Yeah, looking at social media, you’re seeing that right now. People are talking about how Kimbo took the time to take a picture with them or sign an autograph. So many people remember the interactions they had with him because it’s like, “Man, this guy is so popular, but yet he’s taking time for little ol’ me, to make my day.”
I think Kimbo is one of the few people that was responsible for bringing in more fans to the sport, as far as the person who saw Kimbo was fighting, and so they watched and immediately got hooked on MMA afterward.
Smith: Exactly. That crossover ability — to bring eyes to the sport that didn’t have eyes on it before — that’s what we need, what we want, and that’s what Kimbo Slice did.
A lot of people are seeing Kimbo as an embodiment of the American Dream — that rags-to-riches story, growing up in a rough part and making something of himself.
Smith: Yeah, and that was part of his appeal. He appealed to the people that look up and go, “Hey, maybe I can get out [of] my situation. Maybe fighting can lift me up and get me out of where I am.”
And fighting has always been that. It’s always been the sport of the underprivileged. Boxing for years was the sport of the person trying to make it in this world.
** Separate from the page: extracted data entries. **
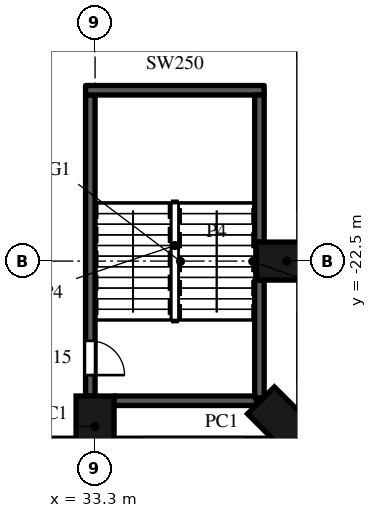
"""IFC4 building model, lengths in metres.
Left out: names, types, materials, properties, quantities, classifications, styles, units other than length and angle.
Written with IfcOpenShell. Run it as: python <this file> out.ifc"""

import sys

from ifc_helpers import new_model, si_unit, direction, frame, frame_2d, origin, origin_2d, place, context, subcontext, project, spatial, rectangle, extrude, element, fill, save


model = new_model("IFC4")
c1 = context("Model", 3, precision=1e-05, world=origin(), true_north=direction((0.0, 1.0)))
c2 = subcontext(c1, "Body", "Model", "MODEL_VIEW")
j1 = project(units=[si_unit("LENGTHUNIT", "METRE"), si_unit("PLANEANGLEUNIT", "RADIAN")], contexts=[c1])
p1 = place(None, origin())
s1 = spatial("IfcSite", under=j1, at=p1, CompositionType="ELEMENT")
p2 = place(p1, origin())
s2 = spatial("IfcBuilding", under=s1, at=p2, CompositionType="ELEMENT")
p3 = place(p2, frame((0.0, 0.0, 36.0)))
s3 = spatial("IfcBuildingStorey", under=s2, at=p3, CompositionType="ELEMENT", Elevation=36.0)
for number, where, z_axis, x_axis in (
    (1, (33.3, -26.85, 0.0), (0.0, 0.0, 1.0), (1.0, 0.0, 0.0)),
    (2, (38.231, -26.731, 0.0), (0.0, 0.0, 1.0), (0.707, 0.707, 0.0)),
    (3, (38.35, -22.5, 0.0), (0.0, 0.0, 1.0), (0.0, 1.0, 0.0)),
):
    element("IfcColumn", number, at=place(p3, frame(where, z_axis=z_axis, x_axis=x_axis)), inside=s3, PredefinedType="COLUMN", context=c2, shape_type="SweptSolid", body=[
        extrude(rectangle(XDim=1.0, YDim=1.6, at=origin_2d()), origin(), (0.0, 0.0, 1.0), 8.0),
    ])
p4 = place(p3, frame((24.8, -27.425, 0.0), z_axis=(0.0, 0.0, 1.0), x_axis=(1.0, 0.0, 0.0)))
e4 = element("IfcWall", 4, at=p4, inside=s3, PredefinedType="ELEMENTEDWALL", context=c2, shape_type="SweptSolid", body=[
    extrude(rectangle(XDim=8.0, YDim=0.6, at=frame_2d((4.0, 0.0))), origin(), (0.0, 0.0, 1.0), 7.6),
])
p5 = place(p4, frame((0.8, 0.0, 1.5)))
e5 = element("IfcOpeningElement", 5, at=p5, cuts=e4, PredefinedType="OPENING", context=c2, shape_type="SweptSolid", body=[
    extrude(rectangle(XDim=2.4, YDim=2.4, at=frame_2d((1.2, 1.2))), frame((0.0, 0.31, 0.0), z_axis=(0.0, -1.0, 0.0), x_axis=(1.0, 0.0, 0.0)), (0.0, 0.0, 1.0), 0.62),
])
p6 = place(p4, frame((4.8, 0.0, 1.5)))
e6 = element("IfcOpeningElement", 6, at=p6, cuts=e4, PredefinedType="OPENING", context=c2, shape_type="SweptSolid", body=[
    extrude(rectangle(XDim=2.4, YDim=2.4, at=frame_2d((1.2, 1.2))), frame((0.0, 0.31, 0.0), z_axis=(0.0, -1.0, 0.0), x_axis=(1.0, 0.0, 0.0)), (0.0, 0.0, 1.0), 0.62),
])
p7 = place(p3, frame((33.8, -27.425, 0.0), z_axis=(0.0, 0.0, 1.0), x_axis=(1.0, 0.0, 0.0)))
e7 = element("IfcWall", 7, at=p7, inside=s3, PredefinedType="ELEMENTEDWALL", context=c2, shape_type="SweptSolid", body=[
    extrude(rectangle(XDim=4.193, YDim=0.6, at=frame_2d((2.096, 0.0))), origin(), (0.0, 0.0, 1.0), 7.6),
])
p8 = place(p7, frame((0.746, 0.0, 1.5)))
e8 = element("IfcOpeningElement", 8, at=p8, cuts=e7, PredefinedType="OPENING", context=c2, shape_type="SweptSolid", body=[
    extrude(rectangle(XDim=2.7, YDim=2.4, at=frame_2d((1.35, 1.2))), frame((0.0, 0.31, 0.0), z_axis=(0.0, -1.0, 0.0), x_axis=(1.0, 0.0, 0.0)), (0.0, 0.0, 1.0), 0.62),
])
p9 = place(p3, frame((33.175, -26.05, 0.0), z_axis=(0.0, 0.0, 1.0), x_axis=(0.0, 1.0, 0.0)))
e9 = element("IfcWall", 9, at=p9, inside=s3, PredefinedType="SHEAR", context=c2, shape_type="SweptSolid", body=[
    extrude(rectangle(XDim=7.92, YDim=0.25, at=frame_2d((3.96, 0.0))), origin(), (0.0, 0.0, 1.0), 7.6),
])
p10 = place(p9, frame((0.55, 0.0, 0.0)))
e10 = element("IfcOpeningElement", 10, at=p10, cuts=e9, PredefinedType="OPENING", context=c2, shape_type="SweptSolid", body=[
    extrude(rectangle(XDim=0.9, YDim=2.2, at=frame_2d((0.45, 1.1))), frame((0.0, 0.135, 0.0), z_axis=(0.0, -1.0, 0.0), x_axis=(1.0, 0.0, 0.0)), (0.0, 0.0, 1.0), 0.27),
])
p11 = place(p3, frame((33.8, -26.175, 0.0), z_axis=(0.0, 0.0, 1.0), x_axis=(1.0, 0.0, 0.0)))
e11 = element("IfcWall", 11, at=p11, inside=s3, PredefinedType="SHEAR", context=c2, shape_type="SweptSolid", body=[
    extrude(rectangle(XDim=3.745, YDim=0.25, at=frame_2d((1.873, 0.0))), origin(), (0.0, 0.0, 1.0), 7.6),
])
p12 = place(p3, frame((33.05, -18.005, 0.0), z_axis=(0.0, 0.0, 1.0), x_axis=(1.0, 0.0, 0.0)))
e12 = element("IfcWall", 12, at=p12, inside=s3, PredefinedType="SHEAR", context=c2, shape_type="SweptSolid", body=[
    extrude(rectangle(XDim=4.7, YDim=0.25, at=frame_2d((2.35, 0.0))), origin(), (0.0, 0.0, 1.0), 7.6),
])
p13 = place(p3, frame((37.625, -26.095, 0.0), z_axis=(0.0, 0.0, 1.0), x_axis=(0.0, 1.0, 0.0)))
e13 = element("IfcWall", 13, at=p13, inside=s3, PredefinedType="SHEAR", context=c2, shape_type="SweptSolid", body=[
    extrude(rectangle(XDim=3.095, YDim=0.25, at=frame_2d((1.548, 0.0))), origin(), (0.0, 0.0, 1.0), 7.6),
])
p14 = place(p3, frame((37.625, -22.0, 0.0), z_axis=(0.0, 0.0, 1.0), x_axis=(0.0, 1.0, 0.0)))
e14 = element("IfcWall", 14, at=p14, inside=s3, PredefinedType="SHEAR", context=c2, shape_type="SweptSolid", body=[
    extrude(rectangle(XDim=3.87, YDim=0.25, at=frame_2d((1.935, 0.0))), origin(), (0.0, 0.0, 1.0), 7.6),
])
p15 = place(p10, origin())
e15 = element("IfcDoor", 15, at=p15, inside=s3, OperationType="SINGLE_SWING_RIGHT", PredefinedType="DOOR", context=c2, shape_type="SweptSolid", body=[
    extrude(rectangle(XDim=0.9, YDim=2.2, at=frame_2d((0.45, 1.1))), frame((0.0, 0.025, 0.0), z_axis=(0.0, -1.0, 0.0), x_axis=(1.0, 0.0, 0.0)), (0.0, 0.0, 1.0), 0.05),
])
fill(e10, e15)
save(model, sys.argv[1])

And Kimbo Slice’s ability to do that and still stay true to his community in a lot of ways, that’s a combination a lot of people appreciated.
How would you like Kimbo to be remembered by fans?
Smith: When I was doing Fight Quest in China, I was leaving this temple and the guy that runs this temple, this Buddhist priest, was standing at the top of this stairway and I turn back and he says, “If you never practice Kung Fu again, just be a good person.” And when you look back in the annals of fighting, yeah, you’re not going to be talking about the technique of Kimbo Slice. But everybody who met him talks about what a nice guy he was. And what a humble guy he was. And what an articulate guy he was. And if it’s humanity that people will remember him for, hopefully, that would be a great thing. He really was a genuinely, really, really nice guy and that’s not everyone in this business, I’ll tell you that.